Friday, August 20, 2010

August 20, 2010 Chimney Swifts successful nesting!

The Chimney Swift, also known as the "flying cigar" is a relatively small bird, about 12-14 centimetres long, with a sooty brown, cigar shaped body and long slender wings. In flight, it can be distinguished by its acrobatic and erratic flight pattern. This "aerial insectivore" spends most of its life flying and foraging in the air, catching insects in flight. If they are in your neighborhood, you will be sure to hear their high-pitched twittering sounds as they fly overhead.
For the past 6 years we've been fortunate to have a pair nesting in our chimney and we have been able to observe the young a few times a week as they progressed through their stages of development. This year the adults were successful in raising 2 young despite a late start, likely due to heavy rains which destroyed the nest during the latter part of June.
In Ontario, The Chimney Swift is considered a threatened species and as such is protected under Ontario's Endangered Species Act, 2007. It has also been assessed nationally as endangered by the federal Committee on the Status on Endangered Wildlife in Canada (COSEWIC).

Adult on nest July 15, 2010

Adult on nest July 24, 2010

Two newly hatched young, July 28, 2010. The third egg didn't hatch.

The young swifts grow quickly and now show feather tracks, August 2, 2010.

Adult sitting on nest with young, August 4, 2010.

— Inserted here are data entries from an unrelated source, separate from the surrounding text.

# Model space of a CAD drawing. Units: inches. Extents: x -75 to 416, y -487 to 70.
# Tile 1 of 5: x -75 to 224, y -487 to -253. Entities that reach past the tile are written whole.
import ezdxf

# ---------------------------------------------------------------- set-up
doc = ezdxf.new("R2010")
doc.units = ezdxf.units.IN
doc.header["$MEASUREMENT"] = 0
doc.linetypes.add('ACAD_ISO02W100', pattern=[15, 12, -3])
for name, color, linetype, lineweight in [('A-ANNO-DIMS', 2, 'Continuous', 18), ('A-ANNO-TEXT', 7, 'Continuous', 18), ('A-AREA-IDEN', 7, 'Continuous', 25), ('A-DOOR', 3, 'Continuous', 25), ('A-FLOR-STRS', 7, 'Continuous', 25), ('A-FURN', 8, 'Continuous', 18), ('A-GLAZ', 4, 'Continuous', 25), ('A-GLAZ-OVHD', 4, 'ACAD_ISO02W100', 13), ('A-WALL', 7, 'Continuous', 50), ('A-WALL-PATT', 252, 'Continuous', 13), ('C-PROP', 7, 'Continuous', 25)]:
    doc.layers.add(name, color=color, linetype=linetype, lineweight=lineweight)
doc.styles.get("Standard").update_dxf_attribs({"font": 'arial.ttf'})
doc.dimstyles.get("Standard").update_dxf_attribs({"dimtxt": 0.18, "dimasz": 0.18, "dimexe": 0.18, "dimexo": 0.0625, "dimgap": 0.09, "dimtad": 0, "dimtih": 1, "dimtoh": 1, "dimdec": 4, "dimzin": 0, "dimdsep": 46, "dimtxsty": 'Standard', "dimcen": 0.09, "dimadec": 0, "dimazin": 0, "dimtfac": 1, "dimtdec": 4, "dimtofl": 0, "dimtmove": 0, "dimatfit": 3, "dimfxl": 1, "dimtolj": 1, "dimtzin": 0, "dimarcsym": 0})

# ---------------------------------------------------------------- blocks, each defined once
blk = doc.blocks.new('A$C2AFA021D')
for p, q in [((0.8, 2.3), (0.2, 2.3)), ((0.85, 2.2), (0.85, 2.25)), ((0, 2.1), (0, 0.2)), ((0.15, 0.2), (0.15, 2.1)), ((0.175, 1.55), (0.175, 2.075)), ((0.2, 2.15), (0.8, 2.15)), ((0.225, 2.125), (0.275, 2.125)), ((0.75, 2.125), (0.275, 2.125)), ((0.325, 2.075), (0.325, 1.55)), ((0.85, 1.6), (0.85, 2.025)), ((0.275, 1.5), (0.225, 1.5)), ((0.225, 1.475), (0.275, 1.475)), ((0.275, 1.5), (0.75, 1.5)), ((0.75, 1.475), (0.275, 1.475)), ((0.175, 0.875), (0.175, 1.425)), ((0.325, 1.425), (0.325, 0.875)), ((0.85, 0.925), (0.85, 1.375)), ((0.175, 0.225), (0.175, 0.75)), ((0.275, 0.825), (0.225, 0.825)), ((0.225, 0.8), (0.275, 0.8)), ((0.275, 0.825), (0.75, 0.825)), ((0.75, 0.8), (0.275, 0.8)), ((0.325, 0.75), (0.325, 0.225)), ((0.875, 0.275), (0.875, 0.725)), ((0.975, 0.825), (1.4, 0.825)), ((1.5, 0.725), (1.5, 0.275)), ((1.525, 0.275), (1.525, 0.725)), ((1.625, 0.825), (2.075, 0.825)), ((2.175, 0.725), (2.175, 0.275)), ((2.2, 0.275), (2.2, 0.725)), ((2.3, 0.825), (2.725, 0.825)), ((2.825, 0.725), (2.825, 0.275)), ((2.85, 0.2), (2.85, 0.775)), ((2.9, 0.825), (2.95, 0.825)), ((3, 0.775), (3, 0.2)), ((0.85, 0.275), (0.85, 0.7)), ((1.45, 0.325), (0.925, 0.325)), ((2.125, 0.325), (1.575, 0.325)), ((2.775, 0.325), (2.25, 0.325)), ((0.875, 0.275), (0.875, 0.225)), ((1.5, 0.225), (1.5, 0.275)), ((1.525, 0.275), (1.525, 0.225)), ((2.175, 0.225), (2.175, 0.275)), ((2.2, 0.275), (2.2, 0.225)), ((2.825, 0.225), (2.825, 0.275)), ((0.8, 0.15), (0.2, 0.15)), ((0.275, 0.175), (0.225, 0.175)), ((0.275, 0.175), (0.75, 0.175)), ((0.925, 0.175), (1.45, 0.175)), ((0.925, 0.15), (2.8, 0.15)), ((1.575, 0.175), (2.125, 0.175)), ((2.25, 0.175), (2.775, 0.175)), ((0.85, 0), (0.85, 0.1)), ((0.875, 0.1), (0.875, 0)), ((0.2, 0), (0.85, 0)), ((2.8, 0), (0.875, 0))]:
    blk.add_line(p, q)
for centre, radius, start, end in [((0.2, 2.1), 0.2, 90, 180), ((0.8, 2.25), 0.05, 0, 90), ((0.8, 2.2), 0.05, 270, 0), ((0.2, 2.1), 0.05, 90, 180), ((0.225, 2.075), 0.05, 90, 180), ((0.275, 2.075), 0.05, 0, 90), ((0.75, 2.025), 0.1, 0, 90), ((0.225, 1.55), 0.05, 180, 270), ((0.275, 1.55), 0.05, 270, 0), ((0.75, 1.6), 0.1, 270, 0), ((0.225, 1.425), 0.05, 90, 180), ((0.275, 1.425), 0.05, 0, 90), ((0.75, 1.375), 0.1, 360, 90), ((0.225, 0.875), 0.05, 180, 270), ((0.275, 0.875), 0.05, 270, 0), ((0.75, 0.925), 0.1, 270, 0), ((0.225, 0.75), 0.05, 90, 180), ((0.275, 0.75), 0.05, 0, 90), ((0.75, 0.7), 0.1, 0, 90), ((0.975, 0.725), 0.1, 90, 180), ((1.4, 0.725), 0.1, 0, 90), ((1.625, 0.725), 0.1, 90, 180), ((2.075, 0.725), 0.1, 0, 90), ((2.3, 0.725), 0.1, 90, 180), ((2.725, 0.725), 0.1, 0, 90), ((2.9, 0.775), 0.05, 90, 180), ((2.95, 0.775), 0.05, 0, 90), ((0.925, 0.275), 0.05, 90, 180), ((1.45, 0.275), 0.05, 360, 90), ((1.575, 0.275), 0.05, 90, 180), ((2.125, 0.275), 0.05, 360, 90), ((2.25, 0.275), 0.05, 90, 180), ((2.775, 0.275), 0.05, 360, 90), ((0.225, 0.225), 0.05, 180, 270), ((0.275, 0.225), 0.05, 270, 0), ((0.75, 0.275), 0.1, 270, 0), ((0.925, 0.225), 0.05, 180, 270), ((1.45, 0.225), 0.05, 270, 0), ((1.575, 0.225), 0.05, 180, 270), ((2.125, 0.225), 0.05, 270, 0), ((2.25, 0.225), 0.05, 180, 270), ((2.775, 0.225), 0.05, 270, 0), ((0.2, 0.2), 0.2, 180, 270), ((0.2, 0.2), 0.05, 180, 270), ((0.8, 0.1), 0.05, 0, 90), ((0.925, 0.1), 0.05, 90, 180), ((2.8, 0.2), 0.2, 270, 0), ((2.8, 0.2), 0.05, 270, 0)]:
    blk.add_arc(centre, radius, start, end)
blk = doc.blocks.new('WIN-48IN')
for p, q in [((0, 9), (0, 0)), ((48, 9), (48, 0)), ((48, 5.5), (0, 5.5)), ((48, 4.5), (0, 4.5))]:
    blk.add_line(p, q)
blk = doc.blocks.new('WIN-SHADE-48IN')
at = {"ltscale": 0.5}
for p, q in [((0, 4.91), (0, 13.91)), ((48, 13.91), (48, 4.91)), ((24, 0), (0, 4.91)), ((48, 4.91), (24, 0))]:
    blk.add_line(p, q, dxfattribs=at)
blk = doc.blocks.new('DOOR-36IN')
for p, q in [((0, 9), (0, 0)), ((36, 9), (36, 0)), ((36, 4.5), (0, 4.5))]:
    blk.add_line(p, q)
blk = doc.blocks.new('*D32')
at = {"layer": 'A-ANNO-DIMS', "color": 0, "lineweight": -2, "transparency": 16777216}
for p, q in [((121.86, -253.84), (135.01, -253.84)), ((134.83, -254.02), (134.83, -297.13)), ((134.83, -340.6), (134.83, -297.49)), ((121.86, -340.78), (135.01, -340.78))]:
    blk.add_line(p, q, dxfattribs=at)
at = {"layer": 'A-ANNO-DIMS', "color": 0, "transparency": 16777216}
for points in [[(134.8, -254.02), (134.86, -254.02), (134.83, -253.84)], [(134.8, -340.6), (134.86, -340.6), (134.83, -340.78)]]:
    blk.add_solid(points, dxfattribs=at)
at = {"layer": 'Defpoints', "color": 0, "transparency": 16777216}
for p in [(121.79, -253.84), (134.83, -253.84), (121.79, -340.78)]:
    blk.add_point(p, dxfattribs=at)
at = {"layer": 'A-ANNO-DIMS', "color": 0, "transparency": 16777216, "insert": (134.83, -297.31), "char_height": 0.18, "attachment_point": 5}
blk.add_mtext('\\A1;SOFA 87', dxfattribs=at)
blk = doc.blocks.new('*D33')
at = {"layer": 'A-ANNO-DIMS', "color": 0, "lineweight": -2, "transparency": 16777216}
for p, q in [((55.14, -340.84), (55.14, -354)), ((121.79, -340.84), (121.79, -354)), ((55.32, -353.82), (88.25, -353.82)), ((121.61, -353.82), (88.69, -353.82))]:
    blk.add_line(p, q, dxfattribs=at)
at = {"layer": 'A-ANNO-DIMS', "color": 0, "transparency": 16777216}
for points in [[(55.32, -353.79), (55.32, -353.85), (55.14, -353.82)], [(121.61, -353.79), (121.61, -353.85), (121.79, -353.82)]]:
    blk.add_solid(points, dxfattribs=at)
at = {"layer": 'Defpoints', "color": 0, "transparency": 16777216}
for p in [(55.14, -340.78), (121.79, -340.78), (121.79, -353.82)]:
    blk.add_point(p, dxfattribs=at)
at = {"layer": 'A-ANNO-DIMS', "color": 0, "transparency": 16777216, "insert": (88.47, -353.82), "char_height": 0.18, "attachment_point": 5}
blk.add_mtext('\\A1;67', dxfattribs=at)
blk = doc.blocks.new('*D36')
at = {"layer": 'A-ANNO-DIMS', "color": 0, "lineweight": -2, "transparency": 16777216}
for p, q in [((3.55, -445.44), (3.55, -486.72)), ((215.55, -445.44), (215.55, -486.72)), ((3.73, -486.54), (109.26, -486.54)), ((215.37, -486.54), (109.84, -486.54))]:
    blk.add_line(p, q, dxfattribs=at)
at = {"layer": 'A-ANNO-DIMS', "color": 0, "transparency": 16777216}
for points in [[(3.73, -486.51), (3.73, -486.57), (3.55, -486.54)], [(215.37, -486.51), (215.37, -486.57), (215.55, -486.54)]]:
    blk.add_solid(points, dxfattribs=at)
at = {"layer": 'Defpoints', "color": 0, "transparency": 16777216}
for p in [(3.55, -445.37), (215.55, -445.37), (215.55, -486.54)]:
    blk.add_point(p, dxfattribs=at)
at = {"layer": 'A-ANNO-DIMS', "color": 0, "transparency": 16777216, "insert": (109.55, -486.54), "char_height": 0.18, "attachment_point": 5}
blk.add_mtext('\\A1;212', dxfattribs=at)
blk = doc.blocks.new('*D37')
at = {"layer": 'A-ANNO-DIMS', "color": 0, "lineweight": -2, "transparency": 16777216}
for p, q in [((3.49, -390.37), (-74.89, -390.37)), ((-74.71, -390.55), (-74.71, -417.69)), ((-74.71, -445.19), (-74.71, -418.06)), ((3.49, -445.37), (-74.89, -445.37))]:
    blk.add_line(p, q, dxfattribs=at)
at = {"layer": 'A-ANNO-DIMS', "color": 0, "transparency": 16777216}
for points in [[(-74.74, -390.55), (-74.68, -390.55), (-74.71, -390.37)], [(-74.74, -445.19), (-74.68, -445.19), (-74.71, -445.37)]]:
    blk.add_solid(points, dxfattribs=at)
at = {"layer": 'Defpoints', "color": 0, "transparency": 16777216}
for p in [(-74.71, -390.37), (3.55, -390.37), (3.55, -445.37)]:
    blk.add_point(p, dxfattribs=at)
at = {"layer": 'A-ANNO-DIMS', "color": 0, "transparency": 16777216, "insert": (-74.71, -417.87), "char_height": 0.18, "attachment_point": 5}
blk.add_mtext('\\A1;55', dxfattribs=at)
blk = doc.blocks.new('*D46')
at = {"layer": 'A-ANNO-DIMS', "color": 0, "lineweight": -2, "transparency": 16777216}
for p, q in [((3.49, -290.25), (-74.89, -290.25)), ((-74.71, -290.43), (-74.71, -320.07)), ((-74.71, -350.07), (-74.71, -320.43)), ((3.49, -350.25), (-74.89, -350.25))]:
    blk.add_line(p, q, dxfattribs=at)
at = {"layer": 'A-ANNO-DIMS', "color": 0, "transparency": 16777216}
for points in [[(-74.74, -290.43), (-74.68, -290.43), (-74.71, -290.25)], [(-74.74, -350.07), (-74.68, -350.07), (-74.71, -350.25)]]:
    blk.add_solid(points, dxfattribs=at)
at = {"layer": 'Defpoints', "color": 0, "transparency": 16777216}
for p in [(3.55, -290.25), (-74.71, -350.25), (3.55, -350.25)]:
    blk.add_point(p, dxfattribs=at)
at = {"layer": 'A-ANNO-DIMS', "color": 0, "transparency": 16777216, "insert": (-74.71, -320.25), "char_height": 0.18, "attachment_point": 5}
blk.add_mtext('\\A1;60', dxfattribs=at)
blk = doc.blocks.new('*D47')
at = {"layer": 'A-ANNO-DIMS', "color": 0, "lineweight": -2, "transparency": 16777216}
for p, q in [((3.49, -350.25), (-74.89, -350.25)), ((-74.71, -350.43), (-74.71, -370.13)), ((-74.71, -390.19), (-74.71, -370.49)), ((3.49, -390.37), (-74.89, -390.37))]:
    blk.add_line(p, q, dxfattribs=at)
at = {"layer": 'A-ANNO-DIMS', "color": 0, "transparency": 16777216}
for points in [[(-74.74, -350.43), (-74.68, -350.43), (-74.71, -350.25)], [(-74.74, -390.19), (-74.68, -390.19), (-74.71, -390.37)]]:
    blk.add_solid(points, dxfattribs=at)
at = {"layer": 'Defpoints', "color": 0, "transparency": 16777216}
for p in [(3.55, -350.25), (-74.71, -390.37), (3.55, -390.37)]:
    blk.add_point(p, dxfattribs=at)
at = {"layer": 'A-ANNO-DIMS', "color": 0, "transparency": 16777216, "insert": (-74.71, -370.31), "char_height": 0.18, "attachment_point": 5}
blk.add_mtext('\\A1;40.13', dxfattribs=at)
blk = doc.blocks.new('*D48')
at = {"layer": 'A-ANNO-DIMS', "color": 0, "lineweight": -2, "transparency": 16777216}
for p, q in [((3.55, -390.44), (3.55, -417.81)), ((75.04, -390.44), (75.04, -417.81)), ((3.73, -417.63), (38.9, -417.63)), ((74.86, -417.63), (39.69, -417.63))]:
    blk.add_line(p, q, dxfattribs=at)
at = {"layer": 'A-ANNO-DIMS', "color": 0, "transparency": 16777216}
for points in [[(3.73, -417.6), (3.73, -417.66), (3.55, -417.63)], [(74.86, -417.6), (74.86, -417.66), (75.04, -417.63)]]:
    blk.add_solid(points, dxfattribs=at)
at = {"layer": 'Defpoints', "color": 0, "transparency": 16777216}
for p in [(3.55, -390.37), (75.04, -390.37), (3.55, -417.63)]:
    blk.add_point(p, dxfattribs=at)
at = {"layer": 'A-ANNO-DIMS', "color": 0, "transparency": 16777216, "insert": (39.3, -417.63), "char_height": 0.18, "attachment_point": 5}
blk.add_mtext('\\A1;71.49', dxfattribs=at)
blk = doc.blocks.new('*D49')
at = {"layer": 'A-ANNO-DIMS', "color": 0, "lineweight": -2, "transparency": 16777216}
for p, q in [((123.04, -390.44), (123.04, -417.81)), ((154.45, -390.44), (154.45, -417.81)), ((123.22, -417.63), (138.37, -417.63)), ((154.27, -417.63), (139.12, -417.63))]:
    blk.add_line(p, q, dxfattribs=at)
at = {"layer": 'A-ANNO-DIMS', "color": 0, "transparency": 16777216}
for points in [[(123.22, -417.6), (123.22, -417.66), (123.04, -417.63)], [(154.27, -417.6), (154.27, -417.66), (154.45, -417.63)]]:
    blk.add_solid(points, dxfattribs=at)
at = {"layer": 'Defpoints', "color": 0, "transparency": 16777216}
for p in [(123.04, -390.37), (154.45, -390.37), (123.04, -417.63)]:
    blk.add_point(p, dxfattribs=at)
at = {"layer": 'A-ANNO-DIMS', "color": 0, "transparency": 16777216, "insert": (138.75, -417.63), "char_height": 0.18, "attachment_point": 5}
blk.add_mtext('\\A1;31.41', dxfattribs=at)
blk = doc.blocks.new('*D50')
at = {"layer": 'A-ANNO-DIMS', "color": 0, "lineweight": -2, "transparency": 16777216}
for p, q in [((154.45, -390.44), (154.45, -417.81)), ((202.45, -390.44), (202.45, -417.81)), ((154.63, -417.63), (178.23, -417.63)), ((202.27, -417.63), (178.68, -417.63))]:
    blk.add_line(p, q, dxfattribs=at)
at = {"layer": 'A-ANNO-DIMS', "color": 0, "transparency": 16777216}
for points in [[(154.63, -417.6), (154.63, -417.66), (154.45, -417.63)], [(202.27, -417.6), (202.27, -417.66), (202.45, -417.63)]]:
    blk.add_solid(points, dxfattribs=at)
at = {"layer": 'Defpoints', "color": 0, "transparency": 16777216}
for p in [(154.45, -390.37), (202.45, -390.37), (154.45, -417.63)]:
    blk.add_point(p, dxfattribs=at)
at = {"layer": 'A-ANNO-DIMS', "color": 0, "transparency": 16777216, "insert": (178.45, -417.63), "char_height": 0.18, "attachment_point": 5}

An adult Chimney Swift preforming wing clapping. When alarmed at nest site an adult raises wings fully outstretched, perpendicular to body, while clinging to the chimney wall. It leaps backwards and flaps its wings together 3-6 times in a row. This behavior is to startle intruders. August 6, 2010

The young with eyes still closed were ready for a feed. August 6, 2010

Just enough room for the adult, as the young grow quickly. August 8, 2010

Eyes now open, August 10, 2010

The young giving a loud rasping call, "raah, raah, raah", in response to my presence. August 12, 2010.

On August 13, 2010 the young had left the nest and were clinging to the chimney wall along with the adult.

Close-up showing adult on left. August 13, 2010.

On August 19, 2010, the young are clinging to chimney wall and exercising wings.

A view of the empty Chimney Swift nest located 12 feet down our chimney. The Chimney Swift gathers nesting material in flight. Using their sticky saliva, which acts like a cement, they build their nest of twigs. The saliva is produced from their seasonally enlarged sublingual glands.

One young still in chimney on August 27, 2010. Check out the sharp claws!

A view of the bottom of the chimney reveals a few primary feathers, eggs shells, bird dropping, nesting material and other debris from years of nesting in our chimney.

1 comment:

swiftcareontario said...

How absolutely stunning! You are so fortunate to have had this opportunity to see these amazing birds up close. After successfully raising orphans in the past two years, we have opened a dedicated Chimney Swift rehab centre to care for orphaned, displaced or injured birds.